Think about your code just like you would think about host code. The two optixTrace calls in your sample are completely independent, the scope of the payload slots is limited to the trace call, so they don’t overlap. Just think of the payload slots as arguments to optixTrace; once the call returns, the payload slots belonging to it no longer exist. There is no possibility for your shdprd to be confused for a radprd by OptiX.

(*) If conditionA is evaluated at run-time, then the likely outcome is threads in a warp that evaluate conditionA to false will be idle while other threads run the first block with traceRadiance. There is some synchronizing under the hood intended to improve performance, but that doesn’t affect your payloads in any way. Whatever synchronization happens is not relevant to the question of which payload is being used.

Does that make sense? Maybe we’ve made it look a little scary or confusing at first glance, but I guess the payload usage is easier and safer than what you’re thinking. I’d recommend taking some time to peruse through the programming guide and play with the SDK samples, it will become clearer.


David.

1 Like

Thank you @dhart, now everything makes perfect sense. I was stuck thinking that the OptiX system needed to be synchronized and treated like CUDA code within a given program. What you said cleared it all up.

Thanks David, I couldn’t have said it better. That’s exactly why I did it that way.

You can of course change the union and function arguments from PerRayData* to void* and have exactly the same functionality with more flexibility if you really need to encode pointers to different structures.

All that example code is there to give ideas to learn from and not at all the only way things can be done.

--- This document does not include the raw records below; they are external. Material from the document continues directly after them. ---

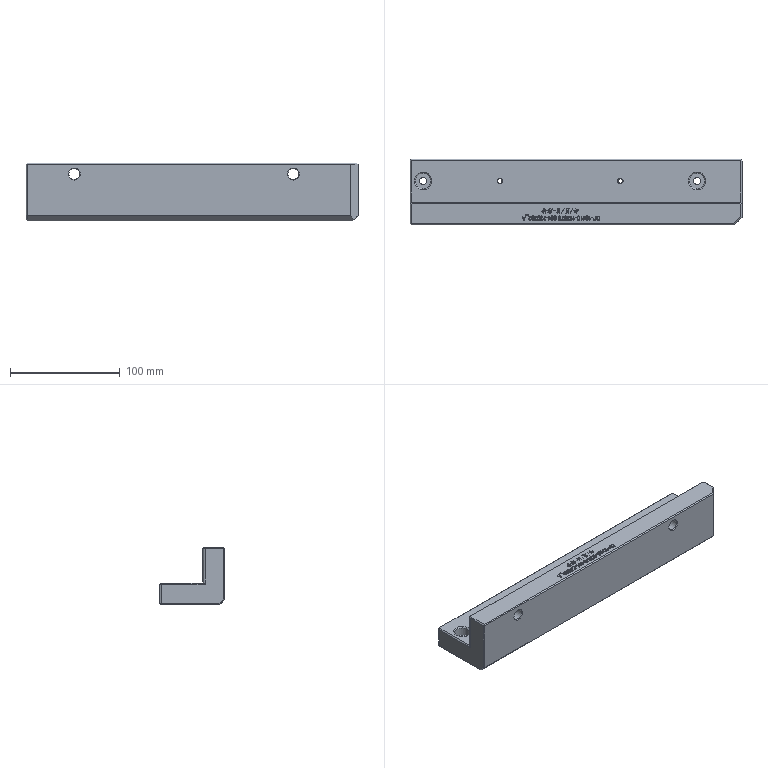CAM job | NX | mm | 3-axis | 5 set-ups | 49 operations | part box 303 x 60 x 52.8
set-up 1
1. Face Milling | Mill Mill5 E50R0.8 | FACE_MILLING_1 | path 4388.2 mm | 5.098 min
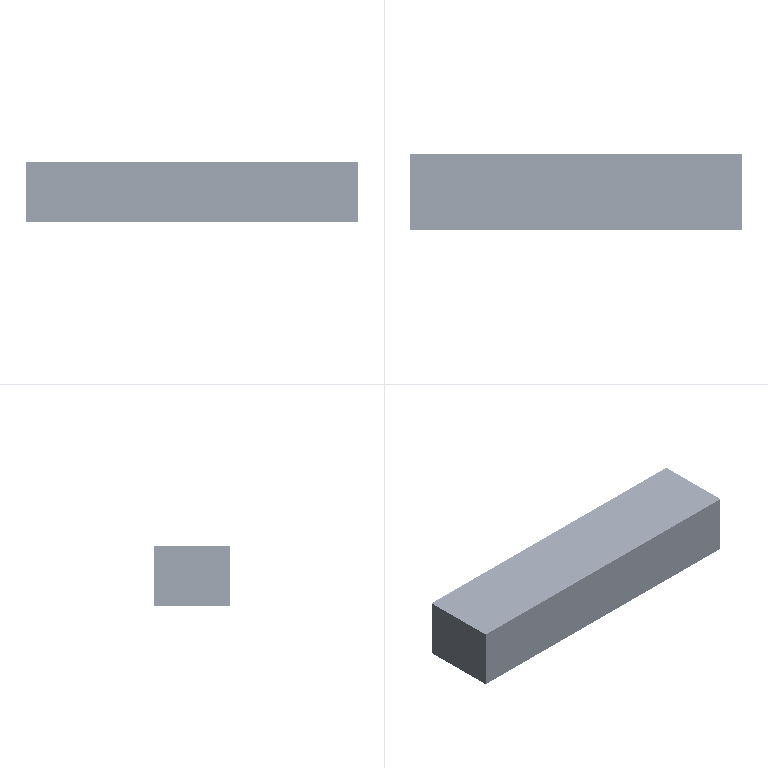2. Planar Roughing | Mill Mill5 LX-D12 | PLANAR_ROUGHING_2 | path 55757.865 mm | 27.343 min
3. Planar Milling | Mill Mill5 LX-D12J | PLANAR_MILLING_3 | path 8035.48 mm | 3.971 min
set-up 2
4. Face Milling | Mill Mill5 E50R0.8 | FACE_MILLING_4 | path 4323.2 mm | 2.03 min
5. Planar Roughing | Mill Mill5 LX-D10 | PLANAR_ROUGHING_5 | path 26148.432 mm | 9.637 min
6. Drilling | Mill MillChamfer DXZ-D10A90 | DRILLING_6 | path 344 mm | 0.1136 min
7. Drilling | Mill MillChamfer DXZ-D10A90 | DRILLING_7 | path 204 mm | 0.0996 min
8. Drilling | Drill DrillStandard ZT-D6.3 | DRILLING_8 | path 780.069 mm | 0.9893 min
9. Drilling | Drill DrillStandard ZT-D3.8 | DRILLING_9 | path 1350.798 mm | 0.9453 min
10. Cylinder Milling | Mill Mill5 LX-D6 | CYLINDER_MILLING_10 | path 980.438 mm | 0.9708 min
11. Face Milling | Mill Mill5 E50R0.8 | FACE_MILLING_11 | path 842.667 mm | 1.003 min
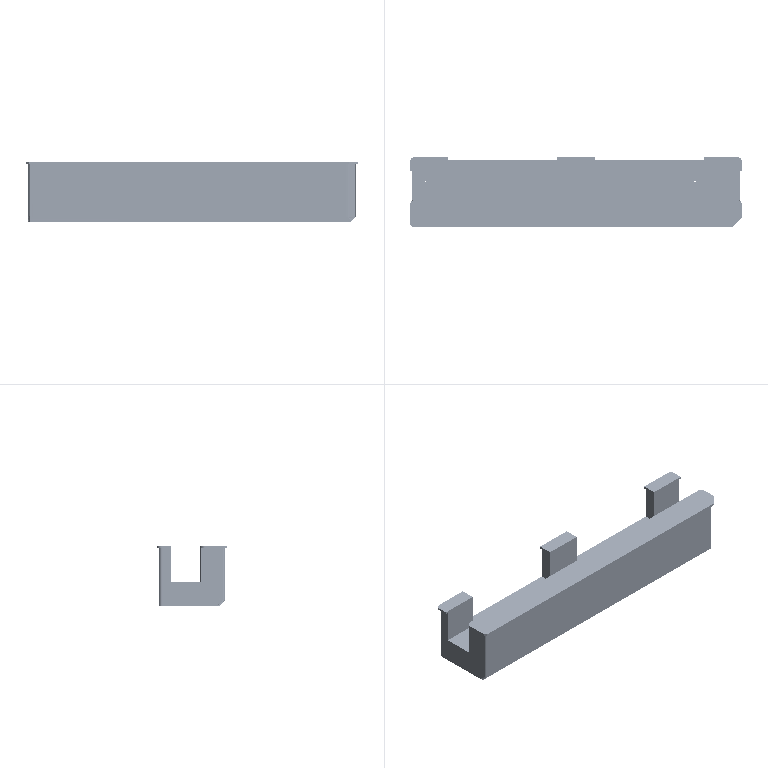12. Cylinder Milling | Mill Mill5 LX-D6J | CYLINDER_MILLING_12 | path 1610.966 mm | 3.496 min
13. Cylinder Milling | Mill Mill5 LX-D4J | CYLINDER_MILLING_13 | path 780.196 mm | 1.094 min
14. Cylinder Milling | Mill Mill5 LX-D3J | CYLINDER_MILLING_14 | path 416.84 mm | 0.4 min
15. Planar Milling | Mill Mill5 LX-D16J | PLANAR_MILLING_15 | path 3356.811 mm | 3.921 min
16. Fixed-axis Surface Contouring | Mill MillChamfer DJ-D10A90 | FIXED-AXIS_SURFACE_CONTOURING_16 | path 371.214 mm | 0.1262 min
17. Volume Based 2.5D Milling | Mill MillChamfer DJ-D10A90 | VOLUME_BASED_2.5D_MILLING_17 | path 264.24 mm | 0.1416 min
18. Volume Based 2.5D Milling | Mill MillChamfer DJ-D10A90 | VOLUME_BASED_2.5D_MILLING_18 | path 411.754 mm | 0.7304 min
19. Z-Level Milling | Mill Mill5 YB-D10R1 | Z-LEVEL_MILLING_19 | path 3286.501 mm | 1.623 min
20. Z-Level Milling | Mill Mill5 YB-D10R1 | Z-LEVEL_MILLING_20 | path 17178.095 mm | 8.571 min
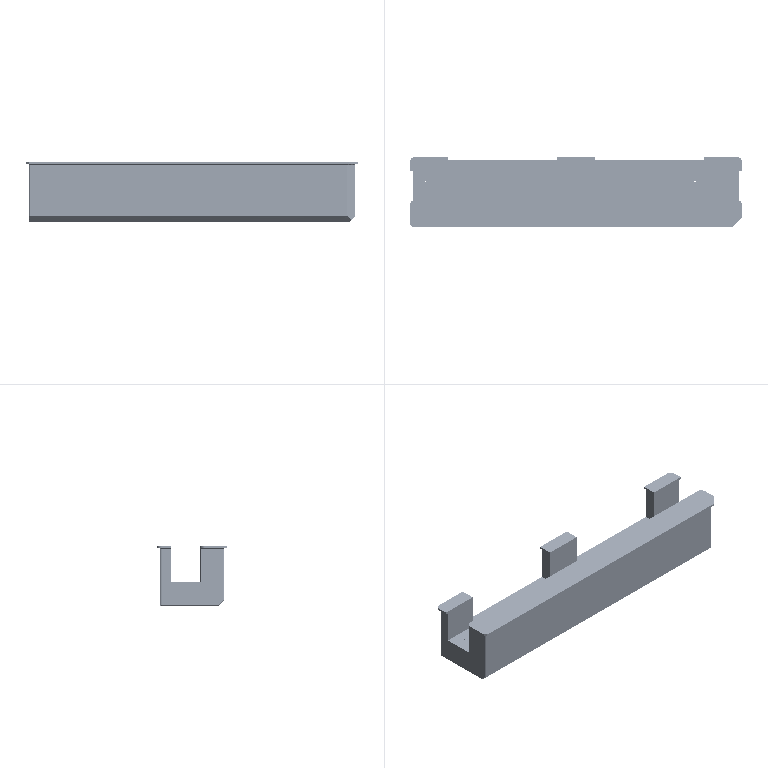21. Planar Milling | Mill Mill5 LX-D12J | PLANAR_MILLING_21 | path 8139.435 mm | 4.046 min
set-up 3
22. Face Milling | Mill Mill5 E50R0.8 | FACE_MILLING_22 | path 2580.133 mm | 1.216 min
23. Cavity Milling | Mill Mill5 LX-D12 | CAVITY_MILLING_23 | path 71660.269 mm | 15.05 min
24. Cylinder Milling | Mill Mill5 LX-D8 | CYLINDER_MILLING_24 | path 1231.419 mm | 0.9904 min
25. Volume Based 2.5D Milling | Mill Mill5 LX-D12J | VOLUME_BASED_2.5D_MILLING_25 | path 1072.606 mm | 1.23 min
26. Volume Based 2.5D Milling | Mill Mill5 LX-D12J | VOLUME_BASED_2.5D_MILLING_26 | path 2109.319 mm | 2.453 min
27. Volume Based 2.5D Milling | Mill Mill5 LX-D12J | VOLUME_BASED_2.5D_MILLING_27 | path 2063.803 mm | 1.354 min
28. Cylinder Milling | Mill Mill5 LX-D8J | CYLINDER_MILLING_28 | path 923.195 mm | 1.162 min
29. Volume Based 2.5D Milling | Mill MillChamfer DJ-D10A90 | VOLUME_BASED_2.5D_MILLING_29 | path 706.46 mm | 0.8267 min
30. Volume Based 2.5D Milling | Mill MillChamfer DJ-D10A90 | VOLUME_BASED_2.5D_MILLING_30 | path 570.035 mm | 0.1555 min
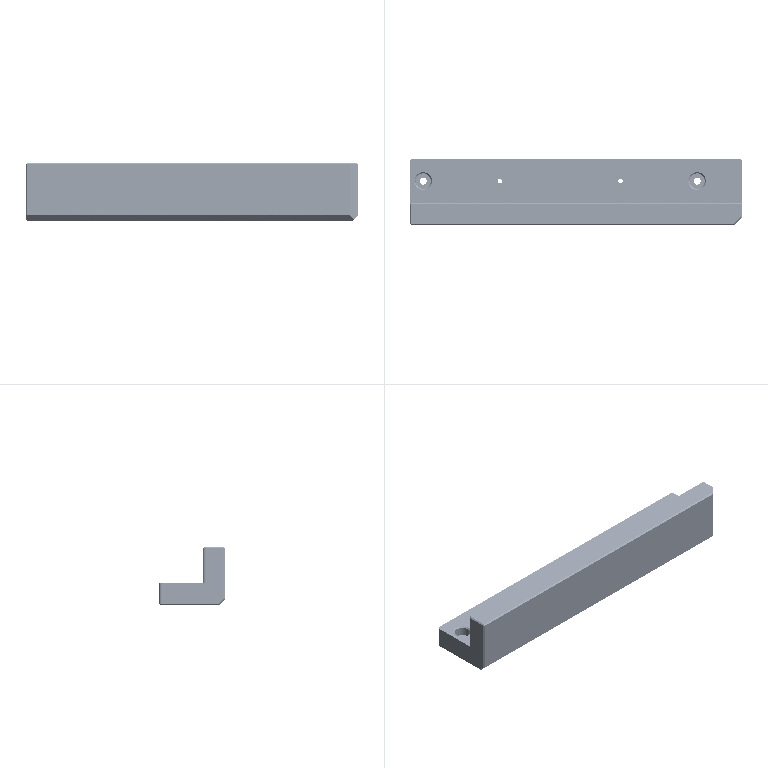31. Drilling | Mill MillChamfer DJ-D10A90 | DRILLING_31 | path 341.2 mm | 0.1077 min
32. Volume Based 2.5D Milling | Mill MillChamfer DJ-D6A90 | VOLUME_BASED_2.5D_MILLING_32 | path 1343.458 mm | 1.085 min
33. Planar Text | Mill Mill5 KZ-D0.5R0.25 | PLANAR_TEXT_33 | path 21108.856 mm | 5.329 min
34. Planar Milling | Mill Mill5 LX-D12J | PLANAR_MILLING_34 | path 8169.516 mm | 4.056 min
set-up 4
35. Cavity Milling | Mill Mill5 LX-D8 | CAVITY_MILLING_35 | path 6105.895 mm | 4.186 min
36. Cylinder Milling | Mill Mill5 LX-D8 | CYLINDER_MILLING_36 | path 850.489 mm | 0.4993 min
37. Cylinder Milling | Mill Mill5 LX-D8J | CYLINDER_MILLING_37 | path 1084.11 mm | 1.662 min
38. Planar Milling | Mill Mill5 LX-D8J | PLANAR_MILLING_38 | path 578.753 mm | 0.1895 min
39. Cylinder Milling | Mill Mill5 LX-D8J | CYLINDER_MILLING_39 | path 685.386 mm | 0.5381 min
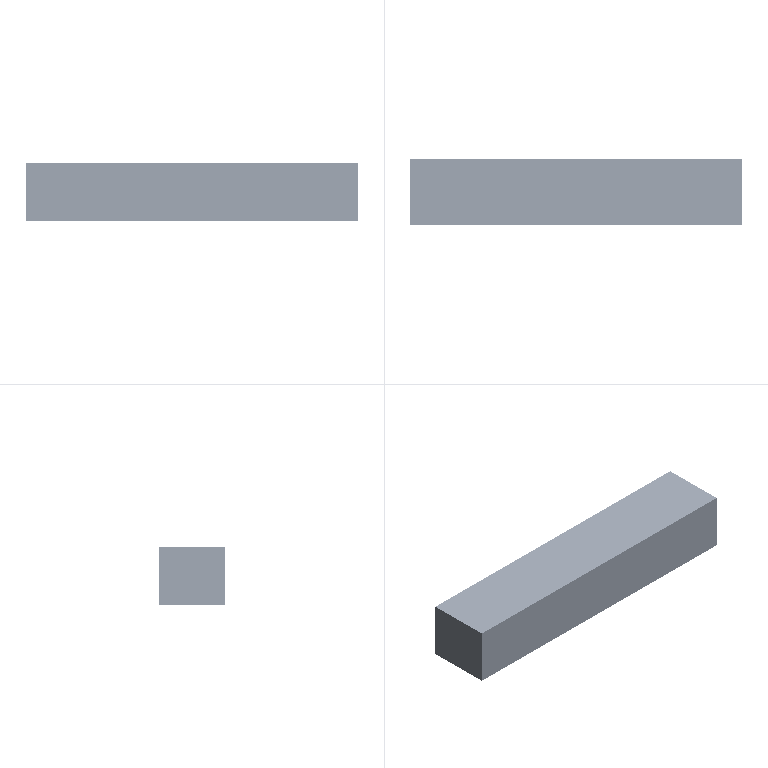40. Cavity Milling | Mill Mill5 LX-D4J | CAVITY_MILLING_40 | path 1392.761 mm | 0.3674 min
41. Volume Based 2.5D Milling | Mill MillChamfer DJ-D10A90 | VOLUME_BASED_2.5D_MILLING_41 | path 584.173 mm | 0.2224 min
42. Volume Based 2.5D Milling | Mill MillChamfer DJ-D10A90 | VOLUME_BASED_2.5D_MILLING_42 | path 532.239 mm | 0.1229 min
43. Drilling | Mill MillChamfer DXZ-D4A90 | DRILLING_43 | path 474 mm | 0.1266 min
44. Drilling | Drill DrillStandard ZT-D3.3 | DRILLING_44 | path 1059.605 mm | 0.5263 min
45. Cylinder Milling | Mill Mill5 LX-D3J | CYLINDER_MILLING_45 | path 592.991 mm | 0.3149 min
46. Volume Based 2.5D Milling | Mill MillChamfer DJ-D4A90 | VOLUME_BASED_2.5D_MILLING_46 | path 598.946 mm | 0.2109 min
47. Thread Milling | Drill DrillThreadMill M4X0.7-D3.15 | THREAD_MILLING_47 | path 708.308 mm | 0.4167 min
48. Thread Milling | Drill DrillThreadMill M4X0.7-D3.15 | THREAD_MILLING_48 | path 566.702 mm | 0.2104 min
set-up 5
49. Volume Based 2.5D Milling | Mill MillChamfer DJ-D10A90 | VOLUME_BASED_2.5D_MILLING_49 | path 350.924 mm | 0.1048 min

I know that my method of setting the shadow flag inside the PerRayData (PRD) is not the most optimal way in that suite of examples, but that comes from a much more advanced renderer which can calculate cutout opacity from procedural expressions which requires more state stored inside the PRD struct, and then I just left the shadow flag method as it was merely for code continuation reasons, in case I ever improve the example renderer capabilities in the future.